Return the temperature, conditions, and forecast in a friendly format.
That's it. The YAML frontmatter provides metadata (name and description), while the Markdown content instructs OpenClaw on how to use the skill.
Adding Executable Logic
For skills that need to run code, you can include bash commands or TypeScript functions. Here's a more advanced example:
---
name: file_analyzer
description: Analyzes file sizes in a directory
allowed_tools:
- exec
- read
---
# File Analyzer Skill
When the user asks to analyze files in a directory:
1. Use the `exec` tool to run: `du -sh * | sort -rh | head -10`
2. Parse the output to identify the largest files
3. Use the `read` tool to examine file types
4. Return a summary with file sizes and types
The allowed_tools array specifies which OpenClaw tools this skill can access. Common tools include exec (for bash commands), read (for reading files), write (for creating files), and edit (for modifying existing files).

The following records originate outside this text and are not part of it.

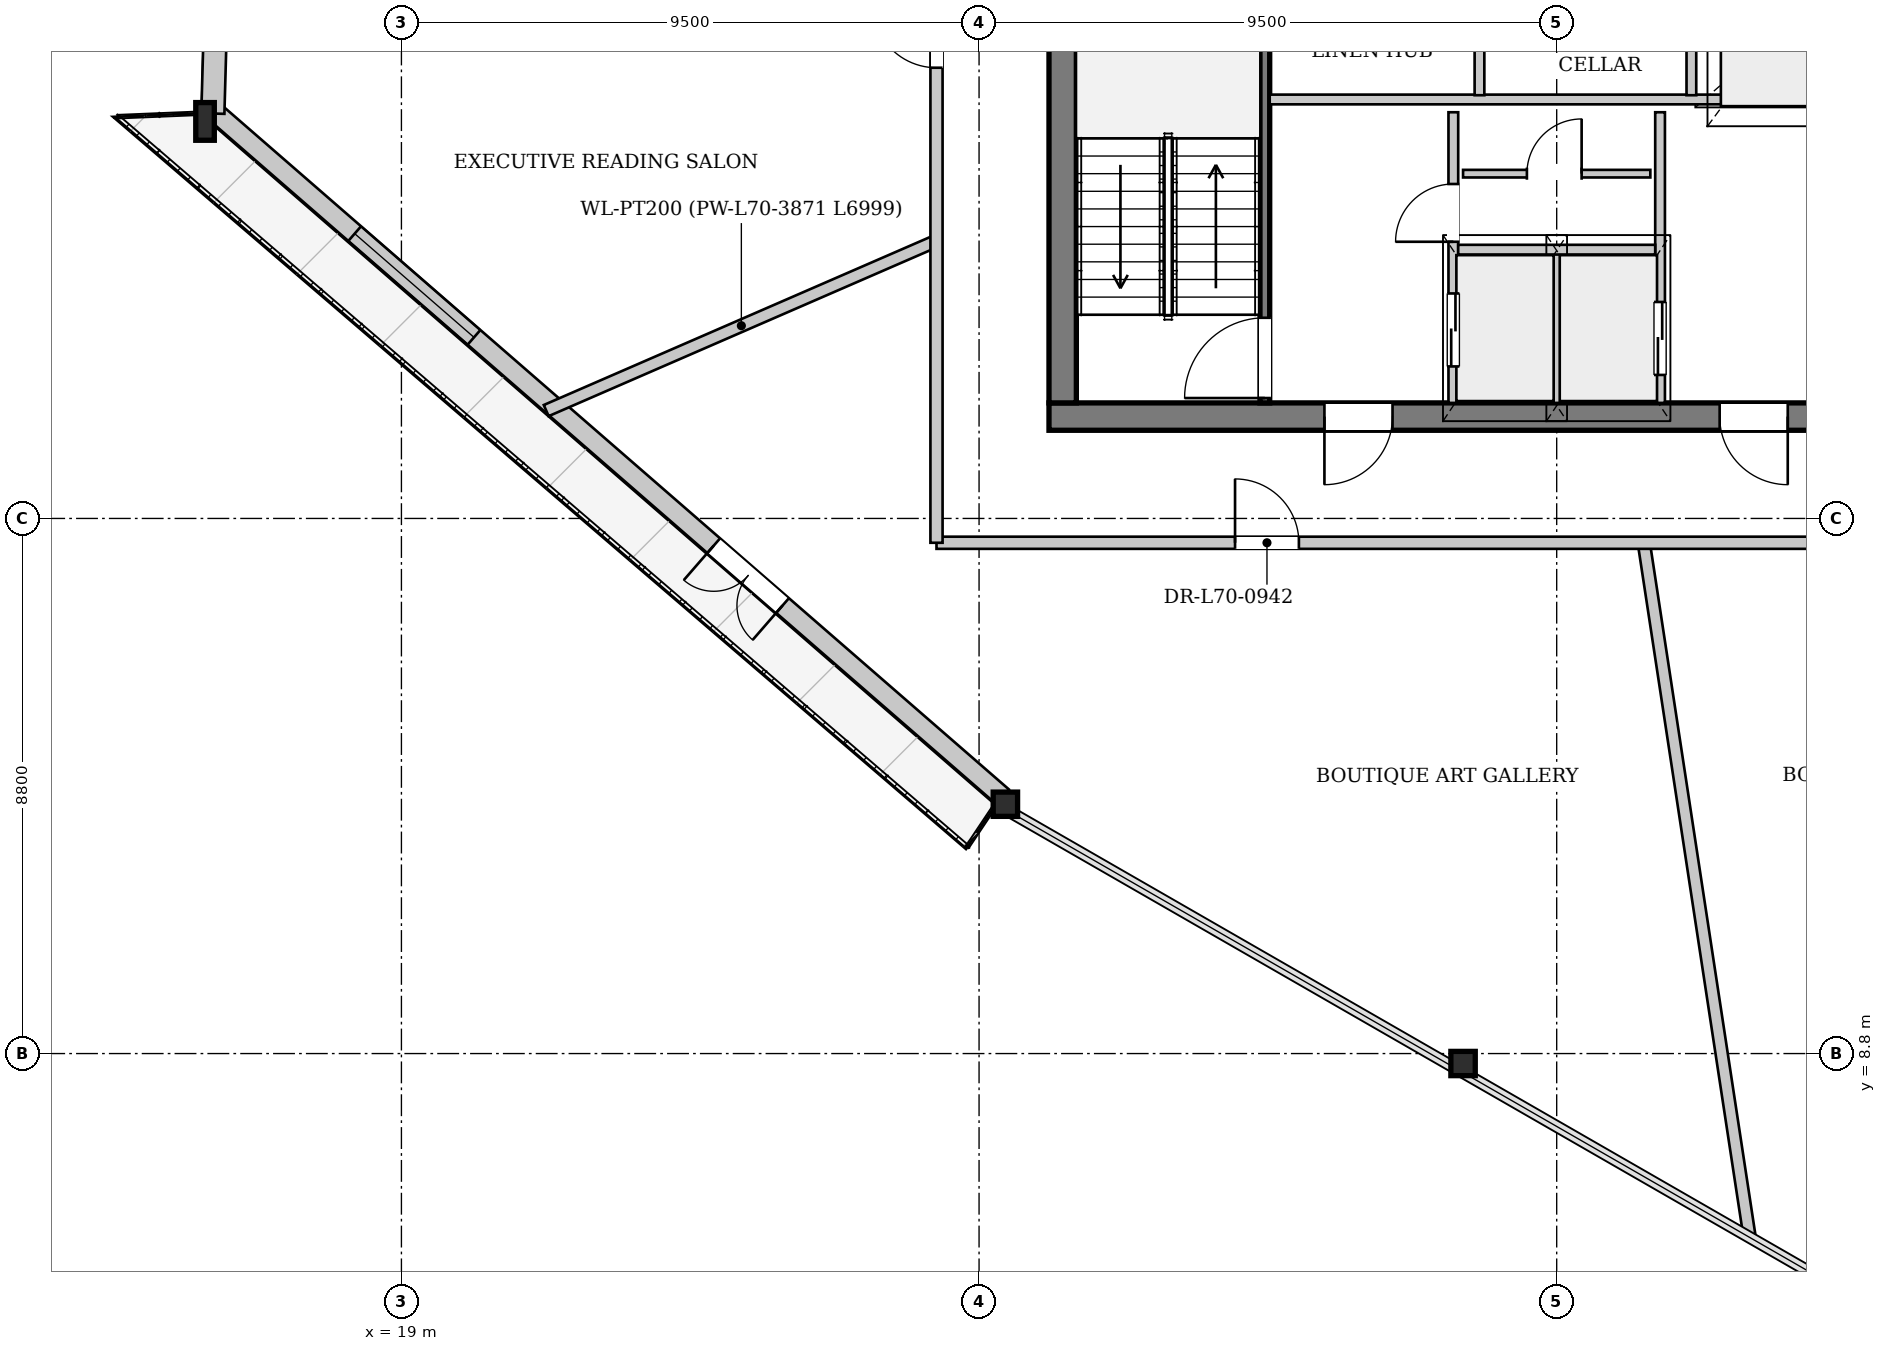
"""IFC4 building model, lengths in metres.
Left out: names, types, materials, properties, quantities, classifications, styles, units other than length and angle.
Written with IfcOpenShell. Run it as: python <this file> out.ifc"""

import sys

from ifc_helpers import new_model, si_unit, direction, frame, frame_2d, origin, origin_2d, place, context, subcontext, project, spatial, rectangle, i_section, extrude, source, transform, mapped, element, fill, save


model = new_model("IFC4")
c1 = context("Model", 3, precision=1e-05, world=origin(), true_north=direction((0.0, 1.0)))
c2 = subcontext(c1, "Body", "Model", "MODEL_VIEW")
j1 = project(units=[si_unit("LENGTHUNIT", "METRE"), si_unit("PLANEANGLEUNIT", "RADIAN")], contexts=[c1])
p1 = place(None, origin())
s1 = spatial("IfcSite", under=j1, at=p1, CompositionType="ELEMENT")
p2 = place(p1, origin())
s2 = spatial("IfcBuilding", under=s1, at=p2, CompositionType="ELEMENT")
p3 = place(p2, frame((0.0, 0.0, 263.3)))
s3 = spatial("IfcBuildingStorey", under=s2, at=p3, CompositionType="ELEMENT", Elevation=263.3)
m1 = source(origin(), c2, "Body", "SweptSolid", [
    extrude(i_section(OverallWidth=0.305, OverallDepth=0.62, WebThickness=0.021, FlangeThickness=0.04, at=origin_2d()), origin(), (0.0, 0.0, 1.0), 3.448),
])
p4 = place(p3, frame((15.709, 24.264, 0.0), z_axis=(0.035475827357, -0.078315898318, 0.996297187462), x_axis=(0.910901618145, 0.41262360822, 0.0)))
e1 = element("IfcColumn", 1, at=p4, inside=s3, PredefinedType="COLUMN", context=c2, shape_type="MappedRepresentation", body=[
    mapped(m1, transform((0.0, 0.0, 0.0), x_axis=(1.0, 0.0, 0.0), y_axis=(0.0, 1.0, 0.0), z_axis=(0.0, 0.0, 1.0), scale=1.0)),
])
m2 = source(origin(), c2, "Body", "SweptSolid", [
    extrude(i_section(OverallWidth=0.401, OverallDepth=0.399, WebThickness=0.022, FlangeThickness=0.034, at=origin_2d()), origin(), (0.0, 0.0, 1.0), 3.449),
])
p5 = place(p3, frame((28.78, 12.904, 0.0), z_axis=(0.088773726193, -0.002052980909, 0.99604970298), x_axis=(0.023119815262, 0.999732701347, 0.0)))
e2 = element("IfcColumn", 2, at=p5, inside=s3, PredefinedType="COLUMN", context=c2, shape_type="MappedRepresentation", body=[
    mapped(m2, transform((0.0, 0.0, 0.0), x_axis=(1.0, 0.0, 0.0), y_axis=(0.0, 1.0, 0.0), z_axis=(0.0, 0.0, 1.0), scale=1.0)),
])
m3 = source(origin(), c2, "Body", "SweptSolid", [
    extrude(i_section(OverallWidth=0.401, OverallDepth=0.399, WebThickness=0.022, FlangeThickness=0.034, at=origin_2d()), origin(), (0.0, 0.0, 1.0), 3.454),
])
p6 = place(p3, frame((36.286, 8.587, 0.0), z_axis=(0.100653191189, 0.028414735153, 0.994515730358), x_axis=(-0.271684886517, 0.962386264677, 0.0)))
e3 = element("IfcColumn", 3, at=p6, inside=s3, PredefinedType="COLUMN", context=c2, shape_type="MappedRepresentation", body=[
    mapped(m3, transform((0.0, 0.0, 0.0), x_axis=(1.0, 0.0, 0.0), y_axis=(0.0, 1.0, 0.0), z_axis=(0.0, 0.0, 1.0), scale=1.0)),
])
p7 = place(p3, frame((28.885, 13.024, 0.0), z_axis=(0.0, 0.0, 1.0), x_axis=(-0.754757555723, 0.656003835415, 0.0)))
e4 = element("IfcWall", 4, at=p7, inside=s3, PredefinedType="SOLIDWALL", context=c2, shape_type="SweptSolid", body=[
    extrude(rectangle(XDim=17.318, YDim=0.32, at=frame_2d((8.659, 0.0))), origin(), (0.0, 0.0, 1.0), 2.872),
])
p8 = place(p7, frame((4.792, 0.0, 0.0)))
e5 = element("IfcOpeningElement", 5, at=p8, cuts=e4, PredefinedType="OPENING", context=c2, shape_type="SweptSolid", body=[
    extrude(rectangle(XDim=1.5, YDim=2.3, at=frame_2d((0.75, 1.15))), frame((0.0, 0.17, 0.0), z_axis=(0.0, -1.0, 0.0), x_axis=(1.0, 0.0, 0.0)), (0.0, 0.0, 1.0), 0.34),
])
p9 = place(p7, frame((11.515, 0.0, 0.402)))
e6 = element("IfcOpeningElement", 6, at=p9, cuts=e4, PredefinedType="OPENING", context=c2, shape_type="SweptSolid", body=[
    extrude(rectangle(XDim=2.6, YDim=2.35, at=frame_2d((1.3, 1.175))), frame((0.0, 0.17, 0.0), z_axis=(0.0, -1.0, 0.0), x_axis=(1.0, 0.0, 0.0)), (0.0, 0.0, 1.0), 0.34),
])
p10 = place(p3, frame((15.899, 24.259, 0.0), z_axis=(0.0, 0.0, 1.0), x_axis=(0.027933207755, 0.999609791821, 0.0)))
e7 = element("IfcWall", 7, at=p10, inside=s3, PredefinedType="SOLIDWALL", context=c2, shape_type="SweptSolid", body=[
    extrude(rectangle(XDim=2.57, YDim=0.38, at=frame_2d((1.285, 0.0))), origin(), (0.0, 0.0, 1.0), 2.872),
])
p11 = place(p3, frame((46.35, 19.275, 0.0), z_axis=(0.0, 0.0, 1.0), x_axis=(-1.0, 0.0, 0.0)))
e8 = element("IfcWall", 8, at=p11, inside=s3, PredefinedType="SHEAR", context=c2, shape_type="SweptSolid", body=[
    extrude(rectangle(XDim=16.7, YDim=0.45, at=frame_2d((8.35, 0.0))), origin(), (0.0, 0.0, 1.0), 3.38),
])
p12 = place(p11, frame((4.55, 0.0, 0.0)))
e9 = element("IfcOpeningElement", 9, at=p12, cuts=e8, PredefinedType="OPENING", context=c2, shape_type="SweptSolid", body=[
    extrude(rectangle(XDim=1.12, YDim=2.25, at=frame_2d((0.56, 1.125))), frame((0.0, 0.235, 0.0), z_axis=(0.0, -1.0, 0.0), x_axis=(1.0, 0.0, 0.0)), (0.0, 0.0, 1.0), 0.47),
])
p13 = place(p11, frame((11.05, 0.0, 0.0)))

Testing Your Skill Locally
Before deploying a skill, test it locally:
openclaw agent --message "use my weather check skill for San Francisco"
This command runs OpenClaw in single-turn mode, allowing you to verify the skill works as expected. Check the logs with openclaw logs --follow to see exactly what happens during execution.
Common Skill Development Mistakes
Being too verbose: Skills should instruct the model on what to do, not how to be an AI. Avoid lengthy explanations about being helpful or polite—focus on the task.
Allowing arbitrary command injection: If your skill uses bash, ensure the prompts validate user input. Never pass unsanitized user data directly to shell commands.
Not specifying allowed_tools: Without explicit tool permissions, your skill might not have access to the capabilities it needs. Always declare required tools in the frontmatter.
Forgetting to handle errors: Real-world APIs fail. Your skill instructions should tell OpenClaw how to handle errors gracefully, such as retrying with exponential backoff or informing the user when a service is unavailable.
What Are the Best Practices for OpenClaw TypeScript Development?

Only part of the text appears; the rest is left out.